While I have encountered a corrupted chunk on a rare occasion or two before, and had to take care to delete them manually, more frequently I’ve had situations where Duplicacy/Vertical Backup has created a lot of 0 byte chunks/snapshot files.
Usually this is as a result of out-of-disk space. Now obviously I should monitor disk space and alert before this becomes a problem, but one of the other issues I’m dealing with on one header-less system is Duplicacy (CLI) sometimes not pruning enough of what it should. I can’t yet pin-point why this issue is occurring; only that logs fill up with 'Marked fossil ’ and nothing else (no deleted fossils, no fossil collection saved at the end). As a result, the disk fills up after a couple months and I have to perform an -exclusive -exhaustive
prune and everything is right again. Lots of disk space freed, pruning starts working again.

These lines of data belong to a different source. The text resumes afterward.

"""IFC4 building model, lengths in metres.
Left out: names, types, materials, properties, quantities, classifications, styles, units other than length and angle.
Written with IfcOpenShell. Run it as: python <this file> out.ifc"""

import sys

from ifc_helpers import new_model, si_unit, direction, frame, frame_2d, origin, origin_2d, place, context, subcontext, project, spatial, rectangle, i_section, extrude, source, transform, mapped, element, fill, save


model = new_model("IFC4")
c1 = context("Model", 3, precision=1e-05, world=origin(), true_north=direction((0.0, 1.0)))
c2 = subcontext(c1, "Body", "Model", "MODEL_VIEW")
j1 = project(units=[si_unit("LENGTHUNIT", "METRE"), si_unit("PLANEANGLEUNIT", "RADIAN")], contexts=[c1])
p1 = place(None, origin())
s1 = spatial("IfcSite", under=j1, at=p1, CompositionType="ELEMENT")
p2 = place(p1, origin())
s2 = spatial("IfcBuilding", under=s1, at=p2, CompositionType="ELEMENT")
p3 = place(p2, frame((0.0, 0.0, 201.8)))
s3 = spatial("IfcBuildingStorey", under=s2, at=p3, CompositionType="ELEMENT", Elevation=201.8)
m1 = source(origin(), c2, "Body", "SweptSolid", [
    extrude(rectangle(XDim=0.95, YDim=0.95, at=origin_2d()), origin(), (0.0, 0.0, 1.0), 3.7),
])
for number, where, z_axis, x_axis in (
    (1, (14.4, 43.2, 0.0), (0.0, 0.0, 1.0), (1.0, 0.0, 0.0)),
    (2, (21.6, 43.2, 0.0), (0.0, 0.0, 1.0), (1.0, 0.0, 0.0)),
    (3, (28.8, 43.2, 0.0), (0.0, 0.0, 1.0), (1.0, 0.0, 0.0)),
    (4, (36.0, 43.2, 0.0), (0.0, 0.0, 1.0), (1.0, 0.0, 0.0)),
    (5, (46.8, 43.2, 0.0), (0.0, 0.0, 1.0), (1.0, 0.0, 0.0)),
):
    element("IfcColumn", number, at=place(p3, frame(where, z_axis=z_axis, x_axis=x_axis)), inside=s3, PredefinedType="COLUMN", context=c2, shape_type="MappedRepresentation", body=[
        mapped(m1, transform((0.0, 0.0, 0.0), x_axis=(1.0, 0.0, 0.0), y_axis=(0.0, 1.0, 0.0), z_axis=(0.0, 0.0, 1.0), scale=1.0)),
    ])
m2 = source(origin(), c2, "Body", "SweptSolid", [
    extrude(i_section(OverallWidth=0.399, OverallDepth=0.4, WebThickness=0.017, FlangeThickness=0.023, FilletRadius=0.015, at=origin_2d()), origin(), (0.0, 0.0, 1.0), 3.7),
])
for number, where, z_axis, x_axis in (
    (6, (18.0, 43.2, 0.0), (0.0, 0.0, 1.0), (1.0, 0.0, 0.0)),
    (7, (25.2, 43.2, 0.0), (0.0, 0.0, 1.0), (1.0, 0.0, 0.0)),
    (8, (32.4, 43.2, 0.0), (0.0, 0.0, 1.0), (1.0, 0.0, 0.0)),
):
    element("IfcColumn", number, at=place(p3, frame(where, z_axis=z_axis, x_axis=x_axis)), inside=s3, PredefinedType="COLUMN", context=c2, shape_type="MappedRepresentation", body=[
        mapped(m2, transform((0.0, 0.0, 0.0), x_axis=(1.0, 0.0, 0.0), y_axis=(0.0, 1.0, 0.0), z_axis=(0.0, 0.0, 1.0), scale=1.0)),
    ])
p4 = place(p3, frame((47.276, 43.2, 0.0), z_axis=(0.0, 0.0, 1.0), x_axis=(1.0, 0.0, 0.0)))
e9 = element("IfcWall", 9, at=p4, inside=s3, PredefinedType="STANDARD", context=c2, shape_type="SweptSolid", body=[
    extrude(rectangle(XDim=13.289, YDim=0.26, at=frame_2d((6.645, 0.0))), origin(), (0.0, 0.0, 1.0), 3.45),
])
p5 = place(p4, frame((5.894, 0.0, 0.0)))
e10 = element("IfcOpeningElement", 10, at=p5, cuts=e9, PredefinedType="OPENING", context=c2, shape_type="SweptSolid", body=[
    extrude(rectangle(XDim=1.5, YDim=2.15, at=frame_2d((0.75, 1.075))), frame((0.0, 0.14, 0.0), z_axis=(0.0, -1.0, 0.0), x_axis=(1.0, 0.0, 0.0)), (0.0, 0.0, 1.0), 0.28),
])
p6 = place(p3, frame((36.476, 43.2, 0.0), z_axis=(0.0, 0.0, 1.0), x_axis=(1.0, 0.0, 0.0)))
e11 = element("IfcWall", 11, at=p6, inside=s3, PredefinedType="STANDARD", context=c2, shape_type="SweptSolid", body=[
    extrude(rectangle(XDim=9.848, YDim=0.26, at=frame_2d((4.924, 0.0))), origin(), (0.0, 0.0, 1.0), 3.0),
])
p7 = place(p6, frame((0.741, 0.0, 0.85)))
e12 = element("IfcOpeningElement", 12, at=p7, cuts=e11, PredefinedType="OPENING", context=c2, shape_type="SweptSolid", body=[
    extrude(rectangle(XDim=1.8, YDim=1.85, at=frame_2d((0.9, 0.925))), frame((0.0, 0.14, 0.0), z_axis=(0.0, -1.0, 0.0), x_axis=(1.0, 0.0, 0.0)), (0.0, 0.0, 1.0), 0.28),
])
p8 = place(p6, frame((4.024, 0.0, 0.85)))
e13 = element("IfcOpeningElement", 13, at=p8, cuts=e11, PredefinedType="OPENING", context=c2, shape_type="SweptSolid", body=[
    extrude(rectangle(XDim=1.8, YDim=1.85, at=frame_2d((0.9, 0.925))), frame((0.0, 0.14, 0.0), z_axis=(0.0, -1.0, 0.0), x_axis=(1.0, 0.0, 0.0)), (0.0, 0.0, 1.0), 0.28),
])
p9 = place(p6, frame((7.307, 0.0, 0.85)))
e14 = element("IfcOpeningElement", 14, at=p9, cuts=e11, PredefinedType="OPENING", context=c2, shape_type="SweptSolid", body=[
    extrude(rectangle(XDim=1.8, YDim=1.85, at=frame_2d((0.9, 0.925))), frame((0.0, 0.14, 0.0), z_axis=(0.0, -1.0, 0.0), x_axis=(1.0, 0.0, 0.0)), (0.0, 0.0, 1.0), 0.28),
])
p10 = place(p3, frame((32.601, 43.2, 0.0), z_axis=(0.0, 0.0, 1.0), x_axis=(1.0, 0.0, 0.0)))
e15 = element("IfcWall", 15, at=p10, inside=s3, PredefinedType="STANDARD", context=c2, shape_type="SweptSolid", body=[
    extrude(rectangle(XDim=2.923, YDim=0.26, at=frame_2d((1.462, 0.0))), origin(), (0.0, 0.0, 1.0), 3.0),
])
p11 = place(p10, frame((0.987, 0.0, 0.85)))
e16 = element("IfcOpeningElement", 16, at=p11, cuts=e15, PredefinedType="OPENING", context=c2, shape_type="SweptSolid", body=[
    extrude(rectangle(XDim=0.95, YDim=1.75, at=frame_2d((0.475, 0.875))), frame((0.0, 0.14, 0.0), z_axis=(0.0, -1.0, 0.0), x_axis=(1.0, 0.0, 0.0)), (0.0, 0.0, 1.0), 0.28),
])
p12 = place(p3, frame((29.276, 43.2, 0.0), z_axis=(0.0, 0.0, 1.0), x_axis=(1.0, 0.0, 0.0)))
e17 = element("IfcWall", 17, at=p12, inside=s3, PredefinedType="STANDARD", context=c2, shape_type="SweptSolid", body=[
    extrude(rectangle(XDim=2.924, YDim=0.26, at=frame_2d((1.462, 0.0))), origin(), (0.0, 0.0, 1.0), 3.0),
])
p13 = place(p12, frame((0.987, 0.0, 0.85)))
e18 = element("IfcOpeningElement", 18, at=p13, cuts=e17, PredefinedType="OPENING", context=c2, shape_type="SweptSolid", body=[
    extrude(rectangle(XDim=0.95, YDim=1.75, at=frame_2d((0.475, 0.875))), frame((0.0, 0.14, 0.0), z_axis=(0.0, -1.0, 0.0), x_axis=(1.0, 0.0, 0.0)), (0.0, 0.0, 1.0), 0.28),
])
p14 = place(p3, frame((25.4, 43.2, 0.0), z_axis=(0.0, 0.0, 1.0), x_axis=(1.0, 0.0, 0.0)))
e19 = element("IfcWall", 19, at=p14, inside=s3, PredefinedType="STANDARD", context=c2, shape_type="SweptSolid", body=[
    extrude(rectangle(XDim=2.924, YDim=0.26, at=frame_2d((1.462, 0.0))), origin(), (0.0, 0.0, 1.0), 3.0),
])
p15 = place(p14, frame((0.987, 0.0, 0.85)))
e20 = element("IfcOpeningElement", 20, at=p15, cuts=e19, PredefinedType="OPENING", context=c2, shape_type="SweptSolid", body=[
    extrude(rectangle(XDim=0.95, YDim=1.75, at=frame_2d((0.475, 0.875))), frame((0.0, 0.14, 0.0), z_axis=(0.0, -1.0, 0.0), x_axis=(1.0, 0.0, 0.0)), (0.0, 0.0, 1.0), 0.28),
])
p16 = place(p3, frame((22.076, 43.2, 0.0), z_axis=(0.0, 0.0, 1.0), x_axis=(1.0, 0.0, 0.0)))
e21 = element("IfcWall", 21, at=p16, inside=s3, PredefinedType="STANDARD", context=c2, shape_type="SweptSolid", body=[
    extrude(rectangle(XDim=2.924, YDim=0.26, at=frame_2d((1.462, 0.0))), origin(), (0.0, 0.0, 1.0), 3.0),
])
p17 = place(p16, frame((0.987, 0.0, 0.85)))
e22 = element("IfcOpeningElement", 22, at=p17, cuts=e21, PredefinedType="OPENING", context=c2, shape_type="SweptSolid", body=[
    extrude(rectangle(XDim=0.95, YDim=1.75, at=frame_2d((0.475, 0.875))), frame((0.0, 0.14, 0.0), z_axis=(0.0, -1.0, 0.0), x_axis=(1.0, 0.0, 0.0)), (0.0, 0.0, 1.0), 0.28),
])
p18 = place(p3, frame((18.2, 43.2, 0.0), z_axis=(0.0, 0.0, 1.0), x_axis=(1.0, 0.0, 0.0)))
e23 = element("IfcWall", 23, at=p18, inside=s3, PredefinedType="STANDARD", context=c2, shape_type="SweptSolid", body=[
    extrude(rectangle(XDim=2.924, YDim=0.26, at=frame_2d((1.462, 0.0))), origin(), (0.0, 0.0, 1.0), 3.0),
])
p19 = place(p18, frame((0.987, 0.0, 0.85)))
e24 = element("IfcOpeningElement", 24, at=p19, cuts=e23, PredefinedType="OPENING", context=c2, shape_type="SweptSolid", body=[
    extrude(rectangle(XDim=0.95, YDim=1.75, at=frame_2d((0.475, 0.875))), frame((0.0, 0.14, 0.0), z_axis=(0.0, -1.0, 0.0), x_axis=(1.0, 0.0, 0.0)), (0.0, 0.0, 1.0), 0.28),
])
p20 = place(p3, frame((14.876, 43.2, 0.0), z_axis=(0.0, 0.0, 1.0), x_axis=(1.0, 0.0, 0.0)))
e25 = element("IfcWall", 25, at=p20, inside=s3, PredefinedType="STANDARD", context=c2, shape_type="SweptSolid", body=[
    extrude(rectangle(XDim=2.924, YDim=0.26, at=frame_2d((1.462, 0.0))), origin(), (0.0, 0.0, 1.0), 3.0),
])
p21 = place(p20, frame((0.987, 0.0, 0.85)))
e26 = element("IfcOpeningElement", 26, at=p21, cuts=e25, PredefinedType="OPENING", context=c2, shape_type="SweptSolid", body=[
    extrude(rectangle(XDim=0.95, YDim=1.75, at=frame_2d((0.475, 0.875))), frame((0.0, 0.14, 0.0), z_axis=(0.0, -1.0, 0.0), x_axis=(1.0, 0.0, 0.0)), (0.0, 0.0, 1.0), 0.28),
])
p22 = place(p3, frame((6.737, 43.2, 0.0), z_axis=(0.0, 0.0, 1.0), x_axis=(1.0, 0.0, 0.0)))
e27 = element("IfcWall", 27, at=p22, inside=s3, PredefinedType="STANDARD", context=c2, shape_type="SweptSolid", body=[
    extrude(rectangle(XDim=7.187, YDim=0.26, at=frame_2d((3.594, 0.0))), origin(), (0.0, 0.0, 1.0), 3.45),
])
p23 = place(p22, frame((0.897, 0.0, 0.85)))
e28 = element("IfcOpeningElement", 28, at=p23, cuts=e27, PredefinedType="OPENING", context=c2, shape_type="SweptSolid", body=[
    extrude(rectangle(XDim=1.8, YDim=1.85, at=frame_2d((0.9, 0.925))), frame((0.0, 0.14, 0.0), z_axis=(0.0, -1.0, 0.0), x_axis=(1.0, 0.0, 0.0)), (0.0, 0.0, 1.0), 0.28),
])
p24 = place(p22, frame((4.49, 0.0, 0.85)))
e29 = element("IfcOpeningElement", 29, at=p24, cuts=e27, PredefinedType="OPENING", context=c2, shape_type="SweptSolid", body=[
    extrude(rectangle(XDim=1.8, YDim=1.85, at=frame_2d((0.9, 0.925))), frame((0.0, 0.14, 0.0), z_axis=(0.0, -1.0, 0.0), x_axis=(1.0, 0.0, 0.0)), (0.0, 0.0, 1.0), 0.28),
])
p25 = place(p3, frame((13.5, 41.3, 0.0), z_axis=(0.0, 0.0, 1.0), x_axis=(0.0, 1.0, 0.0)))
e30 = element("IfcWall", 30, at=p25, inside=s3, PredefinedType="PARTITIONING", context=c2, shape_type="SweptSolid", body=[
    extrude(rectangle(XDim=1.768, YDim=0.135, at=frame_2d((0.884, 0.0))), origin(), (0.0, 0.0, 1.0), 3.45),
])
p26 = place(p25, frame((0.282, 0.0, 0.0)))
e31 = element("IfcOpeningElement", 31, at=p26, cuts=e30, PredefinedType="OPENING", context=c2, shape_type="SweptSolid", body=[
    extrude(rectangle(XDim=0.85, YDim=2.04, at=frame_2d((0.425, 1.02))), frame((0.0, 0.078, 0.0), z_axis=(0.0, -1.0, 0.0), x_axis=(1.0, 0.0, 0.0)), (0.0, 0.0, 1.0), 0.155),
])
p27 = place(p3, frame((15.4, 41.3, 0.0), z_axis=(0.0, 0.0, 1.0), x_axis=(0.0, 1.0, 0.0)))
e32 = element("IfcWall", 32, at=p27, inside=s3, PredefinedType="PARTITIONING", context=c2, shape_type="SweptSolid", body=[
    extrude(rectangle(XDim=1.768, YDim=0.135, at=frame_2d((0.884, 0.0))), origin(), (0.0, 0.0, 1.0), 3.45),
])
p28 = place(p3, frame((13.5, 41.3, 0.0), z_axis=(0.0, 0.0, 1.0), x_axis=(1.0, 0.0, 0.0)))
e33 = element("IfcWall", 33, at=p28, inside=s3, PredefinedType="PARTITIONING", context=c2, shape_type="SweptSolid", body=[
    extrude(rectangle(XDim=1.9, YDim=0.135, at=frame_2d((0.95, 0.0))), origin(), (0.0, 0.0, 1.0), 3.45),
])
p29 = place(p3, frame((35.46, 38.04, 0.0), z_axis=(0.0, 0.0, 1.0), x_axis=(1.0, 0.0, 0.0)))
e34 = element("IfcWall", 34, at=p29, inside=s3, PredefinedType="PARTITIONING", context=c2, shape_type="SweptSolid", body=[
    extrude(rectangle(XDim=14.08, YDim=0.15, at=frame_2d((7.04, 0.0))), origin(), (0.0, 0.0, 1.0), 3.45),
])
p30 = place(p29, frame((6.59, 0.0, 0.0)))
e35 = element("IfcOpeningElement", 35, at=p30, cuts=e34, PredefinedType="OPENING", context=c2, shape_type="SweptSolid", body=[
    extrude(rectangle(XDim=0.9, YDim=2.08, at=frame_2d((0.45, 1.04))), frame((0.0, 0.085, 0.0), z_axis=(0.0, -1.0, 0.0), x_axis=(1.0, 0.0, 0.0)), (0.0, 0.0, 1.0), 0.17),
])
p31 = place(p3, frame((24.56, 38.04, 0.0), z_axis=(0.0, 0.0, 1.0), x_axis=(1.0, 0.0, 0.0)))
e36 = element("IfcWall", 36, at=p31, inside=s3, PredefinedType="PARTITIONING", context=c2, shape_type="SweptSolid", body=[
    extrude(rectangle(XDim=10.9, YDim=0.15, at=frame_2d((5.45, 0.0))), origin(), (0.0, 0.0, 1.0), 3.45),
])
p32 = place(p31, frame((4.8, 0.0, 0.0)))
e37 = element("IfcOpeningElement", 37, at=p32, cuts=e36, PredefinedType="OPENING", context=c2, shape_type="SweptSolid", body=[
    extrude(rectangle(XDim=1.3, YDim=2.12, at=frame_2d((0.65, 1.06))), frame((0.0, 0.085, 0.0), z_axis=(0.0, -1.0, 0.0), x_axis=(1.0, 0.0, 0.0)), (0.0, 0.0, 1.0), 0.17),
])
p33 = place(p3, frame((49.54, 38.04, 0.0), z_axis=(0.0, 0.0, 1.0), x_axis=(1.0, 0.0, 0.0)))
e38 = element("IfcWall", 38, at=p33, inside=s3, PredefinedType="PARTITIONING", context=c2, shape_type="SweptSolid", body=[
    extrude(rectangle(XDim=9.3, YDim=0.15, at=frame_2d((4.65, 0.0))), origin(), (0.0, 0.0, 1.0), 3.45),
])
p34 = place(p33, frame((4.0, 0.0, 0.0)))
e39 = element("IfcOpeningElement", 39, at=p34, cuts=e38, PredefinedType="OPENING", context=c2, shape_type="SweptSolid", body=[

IMO Duplicacy needs an ability to self-heal a backup storage - particularly with 0-byte chunks/snapshots - and possibly provably bad chunks. Otherwise the user needs to manually tinker with said storage - an added pain if it’s cloud-based, since a different tool is necessary - and mistakes can happen.
Instead of deleting bad chunks, could it not rename them to .bad when the user, specifically, asks it to -heal
during a check operation?
Then, after a heal, the recommended strategy might be to run the next backup with a new flag (saw it mentioned recently) that skips loading the chunk cache from the previous backup, and doesn’t assume all chunks are present and forcefully checks before each attempt to upload.
This is better than changing the snapshot ID to force a complete re-upload and optionally changing it back, as the user may want to keep the same ID. And better than the user manually deleting chunks from a storage in order to get back up and running again.
Also, the logging related to whether a chunk is file data or metadata could be improved, as the possible remedies change depend on which is which.